Il a également souligné que cette marge de manœuvre permet à Apple d'éviter de répercuter immédiatement de fortes hausses de prix sur les consommateurs américains.

Selon Ives, la combinaison du tarif de base et des tarifs de la section 232 se situerait à un « niveau assez gérable » à court terme, permettant à Apple de planifier d'éventuels ajustements futurs.

« Apple peut tracer une voie plus claire, en répercutant une partie des coûts sur les consommateurs américains tout en absorbant une partie de l'impact au sein de sa chaîne d'approvisionnement », a-t-il ajouté.

Les perspectives de bénéfices dépendent des négociations avec la Chine, mais le scénario à long terme reste intact.

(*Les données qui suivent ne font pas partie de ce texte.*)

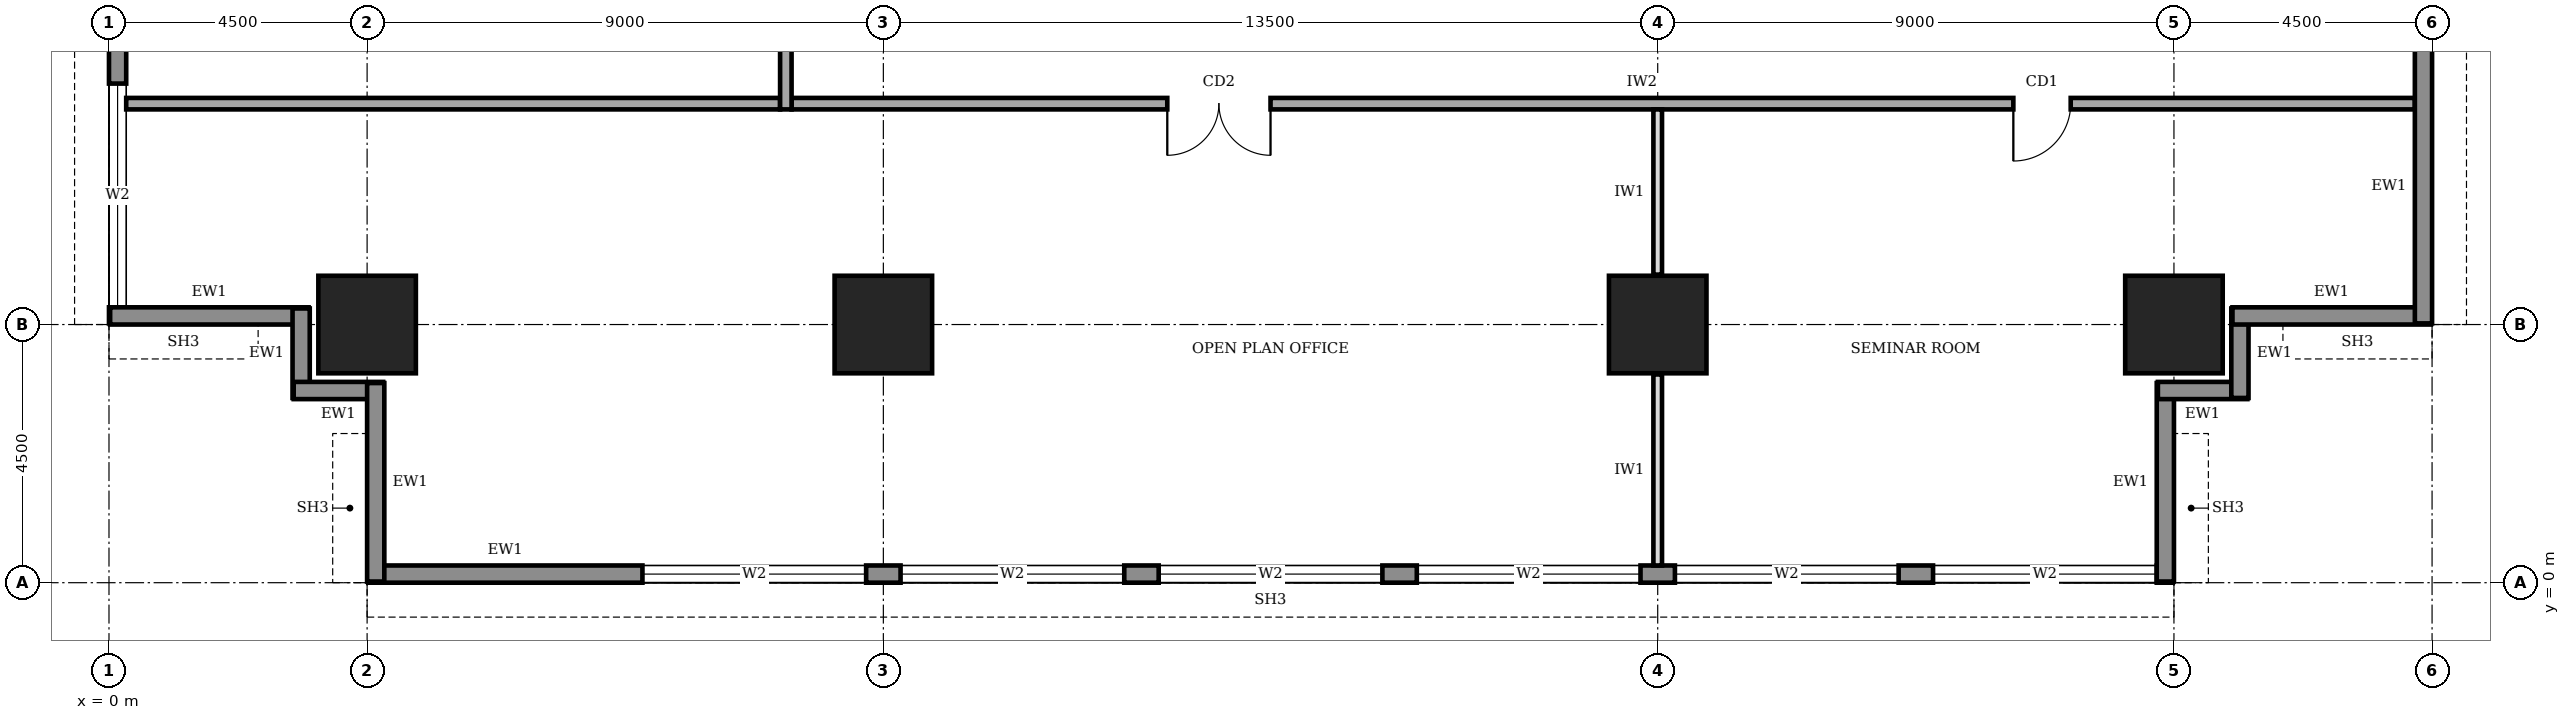
"""IFC4 building model, lengths in metres.
Left out: names, types, materials, properties, quantities, classifications, styles, units other than length and angle.
Written with IfcOpenShell. Run it as: python <this file> out.ifc"""

import sys

from ifc_helpers import new_model, si_unit, direction, frame, frame_2d, origin, origin_2d, place, context, subcontext, project, spatial, rectangle, extrude, element, fill, save


model = new_model("IFC4")
c1 = context("Model", 3, precision=1e-05, world=origin(), true_north=direction((0.0, 1.0)))
c2 = subcontext(c1, "Body", "Model", "MODEL_VIEW")
j1 = project(units=[si_unit("LENGTHUNIT", "METRE"), si_unit("PLANEANGLEUNIT", "RADIAN")], contexts=[c1])
p1 = place(None, origin())
s1 = spatial("IfcSite", under=j1, at=p1, CompositionType="ELEMENT")
p2 = place(p1, origin())
s2 = spatial("IfcBuilding", under=s1, at=p2, CompositionType="ELEMENT")
p3 = place(p2, frame((0.0, 0.0, 161.0)))
s3 = spatial("IfcBuildingStorey", under=s2, at=p3, CompositionType="ELEMENT", Elevation=161.0)
for number, where, z_axis, x_axis in (
    (1, (4.5, 4.5, 0.0), (0.0, 0.0, 1.0), (1.0, 0.0, 0.0)),
    (2, (13.5, 4.5, 0.0), (0.0, 0.0, 1.0), (1.0, 0.0, 0.0)),
    (3, (27.0, 4.5, 0.0), (0.0, 0.0, 1.0), (1.0, 0.0, 0.0)),
    (4, (36.0, 4.5, 0.0), (0.0, 0.0, 1.0), (1.0, 0.0, 0.0)),
):
    element("IfcColumn", number, at=place(p3, frame(where, z_axis=z_axis, x_axis=x_axis)), inside=s3, PredefinedType="COLUMN", context=c2, shape_type="SweptSolid", body=[
        extrude(rectangle(XDim=1.7, YDim=1.7, at=origin_2d()), origin(), (0.0, 0.0, 1.0), 4.0),
    ])
p4 = place(p3, frame((4.52, 0.15, 0.0), z_axis=(0.0, 0.0, 1.0), x_axis=(1.0, 0.0, 0.0)))
e5 = element("IfcWall", 5, at=p4, inside=s3, PredefinedType="STANDARD", context=c2, shape_type="SweptSolid", body=[
    extrude(rectangle(XDim=31.46, YDim=0.3, at=frame_2d((15.73, 0.0))), origin(), (0.0, 0.0, 1.0), 3.75),
])
p5 = place(p4, frame((4.78, 0.0, 0.6)))
e6 = element("IfcOpeningElement", 6, at=p5, cuts=e5, PredefinedType="OPENING", context=c2, shape_type="SweptSolid", body=[
    extrude(rectangle(XDim=3.9, YDim=2.6, at=frame_2d((1.95, 1.3))), frame((0.0, 0.16, 0.0), z_axis=(0.0, -1.0, 0.0), x_axis=(1.0, 0.0, 0.0)), (0.0, 0.0, 1.0), 0.32),
])
p6 = place(p4, frame((9.28, 0.0, 0.6)))
e7 = element("IfcOpeningElement", 7, at=p6, cuts=e5, PredefinedType="OPENING", context=c2, shape_type="SweptSolid", body=[
    extrude(rectangle(XDim=3.9, YDim=2.6, at=frame_2d((1.95, 1.3))), frame((0.0, 0.16, 0.0), z_axis=(0.0, -1.0, 0.0), x_axis=(1.0, 0.0, 0.0)), (0.0, 0.0, 1.0), 0.32),
])
p7 = place(p4, frame((13.78, 0.0, 0.6)))
e8 = element("IfcOpeningElement", 8, at=p7, cuts=e5, PredefinedType="OPENING", context=c2, shape_type="SweptSolid", body=[
    extrude(rectangle(XDim=3.9, YDim=2.6, at=frame_2d((1.95, 1.3))), frame((0.0, 0.16, 0.0), z_axis=(0.0, -1.0, 0.0), x_axis=(1.0, 0.0, 0.0)), (0.0, 0.0, 1.0), 0.32),
])
p8 = place(p4, frame((18.28, 0.0, 0.6)))
e9 = element("IfcOpeningElement", 9, at=p8, cuts=e5, PredefinedType="OPENING", context=c2, shape_type="SweptSolid", body=[
    extrude(rectangle(XDim=3.9, YDim=2.6, at=frame_2d((1.95, 1.3))), frame((0.0, 0.16, 0.0), z_axis=(0.0, -1.0, 0.0), x_axis=(1.0, 0.0, 0.0)), (0.0, 0.0, 1.0), 0.32),
])
p9 = place(p4, frame((22.78, 0.0, 0.6)))
e10 = element("IfcOpeningElement", 10, at=p9, cuts=e5, PredefinedType="OPENING", context=c2, shape_type="SweptSolid", body=[
    extrude(rectangle(XDim=3.9, YDim=2.6, at=frame_2d((1.95, 1.3))), frame((0.0, 0.16, 0.0), z_axis=(0.0, -1.0, 0.0), x_axis=(1.0, 0.0, 0.0)), (0.0, 0.0, 1.0), 0.32),
])
p10 = place(p4, frame((27.28, 0.0, 0.6)))
e11 = element("IfcOpeningElement", 11, at=p10, cuts=e5, PredefinedType="OPENING", context=c2, shape_type="SweptSolid", body=[
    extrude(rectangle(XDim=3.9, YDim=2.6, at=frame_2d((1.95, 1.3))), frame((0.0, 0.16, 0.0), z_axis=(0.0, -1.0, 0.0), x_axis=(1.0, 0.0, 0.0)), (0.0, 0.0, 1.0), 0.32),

Pour l'avenir, Ives prévoit que les bénéfices d'Apple pourraient diminuer d'environ 10 % en 2025 et 2026 dans un scénario de base, en raison d'un ralentissement de la demande et de coûts de production plus élevés.

Dans le pire des cas, si les négociations avec la Chine stagnent et que les droits de douane persistent pendant des mois, l'impact sur les bénéfices pourrait s'aggraver pour atteindre entre 15 % et 20 %.

Cependant, il y a des raisons d'être optimiste. Si des progrès sont réalisés dans les négociations commerciales et que les tensions s'apaisent d'ici l'été, Ives estime que l'impact pourrait être limité à un niveau plus modeste de 2 % à 5 %.

Il a maintenu une recommandation de surperformance sur l'action Apple, avec un objectif de cours de 250 $, soulignant sa confiance dans les perspectives à long terme de l'entreprise.

« Nous restons optimistes quant à l'avenir d'Apple », a déclaré Ives, citant ses 1,5 milliard d'utilisateurs d'iPhone, une base installée de 2,4 milliards d'appareils iOS et sa division des services en pleine croissance comme des atouts clés.

« Les investisseurs doivent regarder au-delà des trois prochains mois et supposer des progrès sur le front chinois. »

Les analystes ajustent les objectifs de cours pour Apple.

Si Apple peut trouver un certain répit à court terme, l'incertitude persiste.

« Si Apple est probablement soulagée à court terme, l'incertitude demeure. En fin de compte, notre pari reste sur Apple et Tim Cook — qui pourrait encore devoir augmenter ses garanties de dépenses de 500 milliards de dollars sur 4 ans aux États-Unis auprès de l'administration Trump pour éviter complètement les droits de douane », a écrit Ben Reitzes, analyste chez Melius Research, dans une note de recherche lundi.

Reitzes a maintenu sa recommandation d'achat sur les actions Apple, avec un objectif de cours de 226 $.

Atif Malik, analyste chez Citi Research, a tenu un discours similaire, affirmant que l'action Apple était prête à rebondir après l'exemption tarifaire, mais a averti que « les produits Apple ne sont pas à l'abri d'un environnement macroéconomique faible ».

Malik a maintenu sa recommandation d'achat sur les actions, avec un objectif de cours de 245 $.

Brandon Nispel, analyste chez KeyBanc Capital Markets, a qualifié l'annonce de vendredi de « probablement le meilleur scénario possible » pour Apple, rendant improbable l'atteinte de son objectif de cours à la baisse de 170 dollars.

Nispel, qui a relevé la note des actions Apple de « sous-pondéré » à « pondération sectorielle » dans une note lundi, a averti que les progrès lents d'Apple en matière d'IA et la faiblesse des dépenses de consommation continuent de poser des défis, laissant le géant technologique « pas complètement sorti d'affaire » après son repli depuis le début de l'année.

Il a également soulevé des inquiétudes concernant l'affaire antitrust du ministère américain de la Justice contre Google, qui pourrait menacer les 20 milliards de dollars de revenus annuels estimés qu'Apple tire des recherches via son navigateur Safari.

« Cela dit, le scénario du pire, celui d'une guerre commerciale qui s'intensifierait, étant probablement écarté et les smartphones épargnés par les droits de douane, il est difficile de plaider pour une nouvelle baisse des actions », a-t-il ajouté.

Les analystes de JPMorgan ont ajusté leurs prévisions, réduisant l'objectif de cours de l'action de 270,00 $ à 245,00 $, tout en maintenant une recommandation de surpondération.